Listed Building – Grade I
- Official name: Woodhall Park (Heath Mount School)
- Designated: 1952
- Reference no.: 1031363
- Coordinates: 51°51′11″N 0°05′23″W﻿ / ﻿51.85293°N 0.08984°W
- Construction started: 1770s
- Completed: 1780s and later extensions
- Client: Thomas Rumbold

Technical details
- Structural system: brick; limited use of Coade stone and Portland stone

Design and construction
- Architect: Thomas Leverton

= Woodhall Park =

Historic house in Hertfordshire, England

Woodhall Park is a Grade I listed country house near Watton-at-Stone, Hertfordshire, England. The 18th century neo-classical building is set in a walled park in the Beane valley. It has been the home of Heath Mount School since the 1930s.

==History==
Thomas Rumbold, who was later made a baronet, acquired the Woodhall estate using the fortune he had made in India. One of his partners at Chittagong, Harry Verelst helped with the financing.
The estate and its manor house were originally home to the Butler or Boteler family.

The architect Thomas Leverton was commissioned by Rumbold to design a new house to replace the manor house on a nearby site. Rumbold became Governor of Madras in 1778 and made arrangements for work to continue on the house in his absence, payments being made from his account at Goslings Bank. Suffering from poor health, he returned to England in 1780. The East India Company, unhappy about the Second Anglo-Mysore War, dismissed him the following year. He continued to serve as a Member of Parliament until 1790.

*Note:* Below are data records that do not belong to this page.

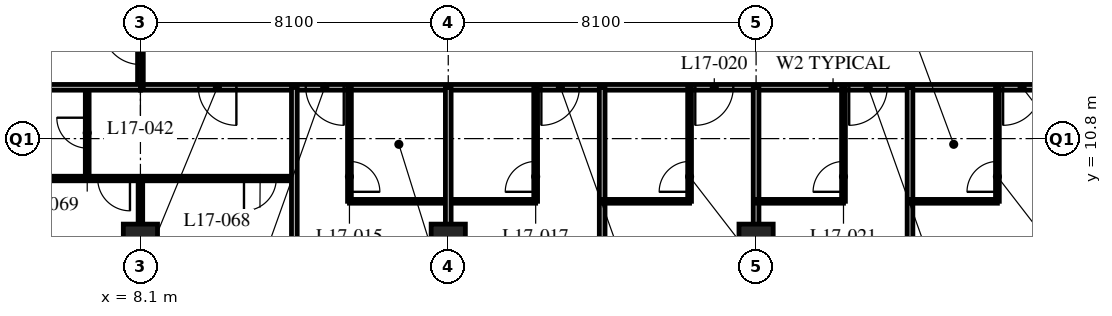
"""IFC4 building model, lengths in metres.
Left out: names, types, materials, properties, quantities, classifications, styles, units other than length and angle.
Written with IfcOpenShell. Run it as: python <this file> out.ifc"""

import sys

from ifc_helpers import new_model, si_unit, direction, frame, frame_2d, origin, origin_2d, place, context, subcontext, project, spatial, rectangle, hollow_rectangle, extrude, element, fill, save


model = new_model("IFC4")
c1 = context("Model", 3, precision=1e-05, world=origin(), true_north=direction((0.0, 1.0)))
c2 = subcontext(c1, "Body", "Model", "MODEL_VIEW")
j1 = project(units=[si_unit("LENGTHUNIT", "METRE"), si_unit("PLANEANGLEUNIT", "RADIAN")], contexts=[c1])
p1 = place(None, origin())
s1 = spatial("IfcSite", under=j1, at=p1, CompositionType="ELEMENT")
p2 = place(p1, origin())
s2 = spatial("IfcBuilding", under=s1, at=p2, CompositionType="ELEMENT")
p3 = place(p2, frame((0.0, 0.0, 70.4)))
s3 = spatial("IfcBuildingStorey", under=s2, at=p3, CompositionType="ELEMENT", Elevation=70.4)
for number, where, z_axis, x_axis in (
    (1, (8.1, 8.1, 0.0), (0.0, 0.0, 1.0), (1.0, 0.0, 0.0)),
    (2, (16.2, 8.1, 0.0), (0.0, 0.0, 1.0), (1.0, 0.0, 0.0)),
    (3, (24.3, 8.1, 0.0), (0.0, 0.0, 1.0), (1.0, 0.0, 0.0)),
):
    element("IfcColumn", number, at=place(p3, frame(where, z_axis=z_axis, x_axis=x_axis)), inside=s3, PredefinedType="COLUMN", context=c2, shape_type="SweptSolid", body=[
        extrude(hollow_rectangle(XDim=0.9, YDim=0.9, WallThickness=0.09, at=origin_2d()), origin(), (0.0, 0.0, 1.0), 3.4),
    ])
p4 = place(p3, frame((8.1, 12.15, 0.0), z_axis=(0.0, 0.0, 1.0), x_axis=(1.0, 0.0, 0.0)))
e4 = element("IfcWall", 4, at=p4, inside=s3, PredefinedType="PARTITIONING", context=c2, shape_type="SweptSolid", body=[
    extrude(rectangle(XDim=36.45, YDim=0.15, at=frame_2d((18.225, 0.0))), origin(), (0.0, 0.0, 1.0), 3.19),
])
p5 = place(p4, frame((4.35, 0.0, 0.0)))
e5 = element("IfcOpeningElement", 5, at=p5, cuts=e4, PredefinedType="OPENING", context=c2, shape_type="SweptSolid", body=[
    extrude(rectangle(XDim=1.0, YDim=2.1, at=frame_2d((0.5, 1.05))), frame((0.0, 0.085, 0.0), z_axis=(0.0, -1.0, 0.0), x_axis=(1.0, 0.0, 0.0)), (0.0, 0.0, 1.0), 0.17),
])
p6 = place(p4, frame((10.55, 0.0, 0.0)))
e6 = element("IfcOpeningElement", 6, at=p6, cuts=e4, PredefinedType="OPENING", context=c2, shape_type="SweptSolid", body=[
    extrude(rectangle(XDim=1.0, YDim=2.1, at=frame_2d((0.5, 1.05))), frame((0.0, 0.085, 0.0), z_axis=(0.0, -1.0, 0.0), x_axis=(1.0, 0.0, 0.0)), (0.0, 0.0, 1.0), 0.17),
])
p7 = place(p4, frame((14.6, 0.0, 0.0)))
e7 = element("IfcOpeningElement", 7, at=p7, cuts=e4, PredefinedType="OPENING", context=c2, shape_type="SweptSolid", body=[
    extrude(rectangle(XDim=1.0, YDim=2.1, at=frame_2d((0.5, 1.05))), frame((0.0, 0.085, 0.0), z_axis=(0.0, -1.0, 0.0), x_axis=(1.0, 0.0, 0.0)), (0.0, 0.0, 1.0), 0.17),
])
p8 = place(p4, frame((18.65, 0.0, 0.0)))
e8 = element("IfcOpeningElement", 8, at=p8, cuts=e4, PredefinedType="OPENING", context=c2, shape_type="SweptSolid", body=[
    extrude(rectangle(XDim=1.0, YDim=2.1, at=frame_2d((0.5, 1.05))), frame((0.0, 0.085, 0.0), z_axis=(0.0, -1.0, 0.0), x_axis=(1.0, 0.0, 0.0)), (0.0, 0.0, 1.0), 0.17),
])
p9 = place(p4, frame((22.7, 0.0, 0.0)))
e9 = element("IfcOpeningElement", 9, at=p9, cuts=e4, PredefinedType="OPENING", context=c2, shape_type="SweptSolid", body=[
    extrude(rectangle(XDim=1.0, YDim=2.1, at=frame_2d((0.5, 1.05))), frame((0.0, 0.085, 0.0), z_axis=(0.0, -1.0, 0.0), x_axis=(1.0, 0.0, 0.0)), (0.0, 0.0, 1.0), 0.17),
])
p10 = place(p4, frame((24.6, 0.0, 0.0)))
e10 = element("IfcOpeningElement", 10, at=p10, cuts=e4, PredefinedType="OPENING", context=c2, shape_type="SweptSolid", body=[
    extrude(rectangle(XDim=1.0, YDim=2.1, at=frame_2d((0.5, 1.05))), frame((0.0, 0.085, 0.0), z_axis=(0.0, -1.0, 0.0), x_axis=(1.0, 0.0, 0.0)), (0.0, 0.0, 1.0), 0.17),
])
p11 = place(p4, frame((30.8, 0.0, 0.0)))
e11 = element("IfcOpeningElement", 11, at=p11, cuts=e4, PredefinedType="OPENING", context=c2, shape_type="SweptSolid", body=[
    extrude(rectangle(XDim=1.0, YDim=2.1, at=frame_2d((0.5, 1.05))), frame((0.0, 0.085, 0.0), z_axis=(0.0, -1.0, 0.0), x_axis=(1.0, 0.0, 0.0)), (0.0, 0.0, 1.0), 0.17),
])
p12 = place(p4, frame((1.525, 0.0, 0.0)))
e12 = element("IfcOpeningElement", 12, at=p12, cuts=e4, PredefinedType="OPENING", context=c2, shape_type="SweptSolid", body=[
    extrude(rectangle(XDim=1.0, YDim=2.1, at=frame_2d((0.5, 1.05))), frame((0.0, 0.085, 0.0), z_axis=(0.0, -1.0, 0.0), x_axis=(1.0, 0.0, 0.0)), (0.0, 0.0, 1.0), 0.17),
])
p13 = place(p4, frame((33.925, 0.0, 0.0)))
e13 = element("IfcOpeningElement", 13, at=p13, cuts=e4, PredefinedType="OPENING", context=c2, shape_type="SweptSolid", body=[
    extrude(rectangle(XDim=1.0, YDim=2.1, at=frame_2d((0.5, 1.05))), frame((0.0, 0.085, 0.0), z_axis=(0.0, -1.0, 0.0), x_axis=(1.0, 0.0, 0.0)), (0.0, 0.0, 1.0), 0.17),
])
p14 = place(p3, frame((8.1, 12.15, 0.0), z_axis=(0.0, 0.0, 1.0), x_axis=(0.0, 1.0, 0.0)))
e14 = element("IfcWall", 14, at=p14, inside=s3, PredefinedType="PARTITIONING", context=c2, shape_type="SweptSolid", body=[
    extrude(rectangle(XDim=30.15, YDim=0.15, at=frame_2d((15.075, 0.0))), origin(), (0.0, 0.0, 1.0), 2.578),
])
p15 = place(p14, frame((0.6, 0.0, 0.0)))
e15 = element("IfcOpeningElement", 15, at=p15, cuts=e14, PredefinedType="OPENING", context=c2, shape_type="SweptSolid", body=[
    extrude(rectangle(XDim=1.0, YDim=2.1, at=frame_2d((0.5, 1.05))), frame((0.0, 0.085, 0.0), z_axis=(0.0, -1.0, 0.0), x_axis=(1.0, 0.0, 0.0)), (0.0, 0.0, 1.0), 0.17),
])
p16 = place(p14, frame((6.8, 0.0, 0.0)))
e16 = element("IfcOpeningElement", 16, at=p16, cuts=e14, PredefinedType="OPENING", context=c2, shape_type="SweptSolid", body=[
    extrude(rectangle(XDim=1.0, YDim=2.1, at=frame_2d((0.5, 1.05))), frame((0.0, 0.085, 0.0), z_axis=(0.0, -1.0, 0.0), x_axis=(1.0, 0.0, 0.0)), (0.0, 0.0, 1.0), 0.17),
])
p17 = place(p14, frame((8.7, 0.0, 0.0)))
e17 = element("IfcOpeningElement", 17, at=p17, cuts=e14, PredefinedType="OPENING", context=c2, shape_type="SweptSolid", body=[
    extrude(rectangle(XDim=1.0, YDim=2.1, at=frame_2d((0.5, 1.05))), frame((0.0, 0.085, 0.0), z_axis=(0.0, -1.0, 0.0), x_axis=(1.0, 0.0, 0.0)), (0.0, 0.0, 1.0), 0.17),
])
p18 = place(p14, frame((14.6, 0.0, 0.0)))
e18 = element("IfcOpeningElement", 18, at=p18, cuts=e14, PredefinedType="OPENING", context=c2, shape_type="SweptSolid", body=[
    extrude(rectangle(XDim=1.0, YDim=2.1, at=frame_2d((0.5, 1.05))), frame((0.0, 0.085, 0.0), z_axis=(0.0, -1.0, 0.0), x_axis=(1.0, 0.0, 0.0)), (0.0, 0.0, 1.0), 0.17),
])
p19 = place(p14, frame((21.65, 0.0, 0.0)))
e19 = element("IfcOpeningElement", 19, at=p19, cuts=e14, PredefinedType="OPENING", context=c2, shape_type="SweptSolid", body=[
    extrude(rectangle(XDim=1.0, YDim=2.1, at=frame_2d((0.5, 1.05))), frame((0.0, 0.085, 0.0), z_axis=(0.0, -1.0, 0.0), x_axis=(1.0, 0.0, 0.0)), (0.0, 0.0, 1.0), 0.17),
])
p20 = place(p14, frame((26.75, 0.0, 0.0)))
e20 = element("IfcOpeningElement", 20, at=p20, cuts=e14, PredefinedType="OPENING", context=c2, shape_type="SweptSolid", body=[
    extrude(rectangle(XDim=1.0, YDim=2.1, at=frame_2d((0.5, 1.05))), frame((0.0, 0.085, 0.0), z_axis=(0.0, -1.0, 0.0), x_axis=(1.0, 0.0, 0.0)), (0.0, 0.0, 1.0), 0.17),
])
p21 = place(p3, frame((13.6, 9.15, 0.0), z_axis=(0.0, 0.0, 1.0), x_axis=(1.0, 0.0, 0.0)))
e21 = element("IfcWall", 21, at=p21, inside=s3, PredefinedType="PARTITIONING", context=c2, shape_type="SweptSolid", body=[
    extrude(rectangle(XDim=4.9, YDim=0.1, at=frame_2d((2.45, 0.0))), origin(), (0.0, 0.0, 1.0), 3.19),
])
p22 = place(p3, frame((13.6, 12.15, 0.0), z_axis=(0.0, 0.0, 1.0), x_axis=(0.0, -1.0, 0.0)))
e22 = element("IfcWall", 22, at=p22, inside=s3, PredefinedType="PARTITIONING", context=c2, shape_type="SweptSolid", body=[
    extrude(rectangle(XDim=3.0, YDim=0.1, at=frame_2d((1.5, 0.0))), origin(), (0.0, 0.0, 1.0), 3.19),
])
p23 = place(p22, frame((1.95, 0.0, 0.0)))
e23 = element("IfcOpeningElement", 23, at=p23, cuts=e22, PredefinedType="OPENING", context=c2, shape_type="SweptSolid", body=[
    extrude(rectangle(XDim=0.8, YDim=2.1, at=frame_2d((0.4, 1.05))), frame((0.0, 0.06, 0.0), z_axis=(0.0, -1.0, 0.0), x_axis=(1.0, 0.0, 0.0)), (0.0, 0.0, 1.0), 0.12),
])
p24 = place(p3, frame((16.2, 12.15, 0.0), z_axis=(0.0, 0.0, 1.0), x_axis=(0.0, -1.0, 0.0)))
e24 = element("IfcWall", 24, at=p24, inside=s3, PredefinedType="PARTITIONING", context=c2, shape_type="SweptSolid", body=[
    extrude(rectangle(XDim=11.85, YDim=0.15, at=frame_2d((5.925, 0.0))), origin(), (0.0, 0.0, 1.0), 2.578),
])
p25 = place(p3, frame((18.5, 12.15, 0.0), z_axis=(0.0, 0.0, 1.0), x_axis=(0.0, -1.0, 0.0)))
e25 = element("IfcWall", 25, at=p25, inside=s3, PredefinedType="PARTITIONING", context=c2, shape_type="SweptSolid", body=[
    extrude(rectangle(XDim=3.0, YDim=0.1, at=frame_2d((1.5, 0.0))), origin(), (0.0, 0.0, 1.0), 3.19),
])
p26 = place(p25, frame((1.95, 0.0, 0.0)))
e26 = element("IfcOpeningElement", 26, at=p26, cuts=e25, PredefinedType="OPENING", context=c2, shape_type="SweptSolid", body=[
    extrude(rectangle(XDim=0.8, YDim=2.1, at=frame_2d((0.4, 1.05))), frame((0.0, 0.06, 0.0), z_axis=(0.0, -1.0, 0.0), x_axis=(1.0, 0.0, 0.0)), (0.0, 0.0, 1.0), 0.12),
])
p27 = place(p3, frame((20.25, 12.15, 0.0), z_axis=(0.0, 0.0, 1.0), x_axis=(0.0, -1.0, 0.0)))
e27 = element("IfcWall", 27, at=p27, inside=s3, PredefinedType="PARTITIONING", context=c2, shape_type="SweptSolid", body=[
    extrude(rectangle(XDim=11.85, YDim=0.15, at=frame_2d((5.925, 0.0))), origin(), (0.0, 0.0, 1.0), 3.19),
])
p28 = place(p3, frame((20.25, 9.15, 0.0), z_axis=(0.0, 0.0, 1.0), x_axis=(1.0, 0.0, 0.0)))
e28 = element("IfcWall", 28, at=p28, inside=s3, PredefinedType="PARTITIONING", context=c2, shape_type="SweptSolid", body=[
    extrude(rectangle(XDim=2.3, YDim=0.1, at=frame_2d((1.15, 0.0))), origin(), (0.0, 0.0, 1.0), 3.19),
])
p29 = place(p3, frame((22.55, 12.15, 0.0), z_axis=(0.0, 0.0, 1.0), x_axis=(0.0, -1.0, 0.0)))
e29 = element("IfcWall", 29, at=p29, inside=s3, PredefinedType="PARTITIONING", context=c2, shape_type="SweptSolid", body=[
    extrude(rectangle(XDim=3.0, YDim=0.1, at=frame_2d((1.5, 0.0))), origin(), (0.0, 0.0, 1.0), 3.19),
])
p30 = place(p29, frame((1.95, 0.0, 0.0)))
e30 = element("IfcOpeningElement", 30, at=p30, cuts=e29, PredefinedType="OPENING", context=c2, shape_type="SweptSolid", body=[
    extrude(rectangle(XDim=0.8, YDim=2.1, at=frame_2d((0.4, 1.05))), frame((0.0, 0.06, 0.0), z_axis=(0.0, -1.0, 0.0), x_axis=(1.0, 0.0, 0.0)), (0.0, 0.0, 1.0), 0.12),
])
p31 = place(p3, frame((24.3, 12.15, 0.0), z_axis=(0.0, 0.0, 1.0), x_axis=(0.0, -1.0, 0.0)))
e31 = element("IfcWall", 31, at=p31, inside=s3, PredefinedType="PARTITIONING", context=c2, shape_type="SweptSolid", body=[
    extrude(rectangle(XDim=11.85, YDim=0.15, at=frame_2d((5.925, 0.0))), origin(), (0.0, 0.0, 1.0), 2.578),
])
p32 = place(p3, frame((24.3, 9.15, 0.0), z_axis=(0.0, 0.0, 1.0), x_axis=(1.0, 0.0, 0.0)))
e32 = element("IfcWall", 32, at=p32, inside=s3, PredefinedType="PARTITIONING", context=c2, shape_type="SweptSolid", body=[
    extrude(rectangle(XDim=2.3, YDim=0.1, at=frame_2d((1.15, 0.0))), origin(), (0.0, 0.0, 1.0), 3.19),
])
p33 = place(p3, frame((26.6, 12.15, 0.0), z_axis=(0.0, 0.0, 1.0), x_axis=(0.0, -1.0, 0.0)))
e33 = element("IfcWall", 33, at=p33, inside=s3, PredefinedType="PARTITIONING", context=c2, shape_type="SweptSolid", body=[
    extrude(rectangle(XDim=3.0, YDim=0.1, at=frame_2d((1.5, 0.0))), origin(), (0.0, 0.0, 1.0), 3.19),
])
p34 = place(p33, frame((1.95, 0.0, 0.0)))
e34 = element("IfcOpeningElement", 34, at=p34, cuts=e33, PredefinedType="OPENING", context=c2, shape_type="SweptSolid", body=[
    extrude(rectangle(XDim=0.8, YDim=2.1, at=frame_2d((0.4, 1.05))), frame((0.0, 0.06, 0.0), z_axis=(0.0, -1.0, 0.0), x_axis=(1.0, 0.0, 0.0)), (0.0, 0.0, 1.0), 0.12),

When Rumbold died in 1791, he was, according to the Oxford Dictionary of National Biography, insolvent. Under the terms of his will, the property was sold to benefit the children of his second marriage. It was acquired by Paul Benfield, who extended the house. His architect is not known. Benfield, who has been described as "perhaps the most notorious of the nabobs", went bankrupt. The estate was bought by Samuel Smith in 1801.

==Architecture==
Leverton's designs were exhibited at the Royal Academy in 1777.

===Interior===
Describing Leverton's work at Woodhall Park, Nikolaus Pevsner said that his interiors "have a style, decidedly their own, different from Adam's or Chambers's or Holland's" their character coming out most clearly in the central staircase hallway, "profusely but very delicately decorated with plaster à la antique".

==Park==

Philip Boteler obtained a licence to create a park in the 16th century.
The present appearance of the park reflects landscaping done in the late 18th century for Rumbold. A weir was constructed to hold back the River Beane to create a "broadwater" within sight of the house.
In the 21st-century a new channel was dug bypassing the weir to allow fish migration.

As a young man, Joseph Paxton was employed at Woodhall Park by Samuel Smith. He was an apprentice to Smith's gardener, William Griffin. At that time, the garden appears to have had good facilities for fruit growing, one of the activities for which Paxton later achieved fame when working for the Duke of Devonshire. The walled kitchen garden is listed grade II.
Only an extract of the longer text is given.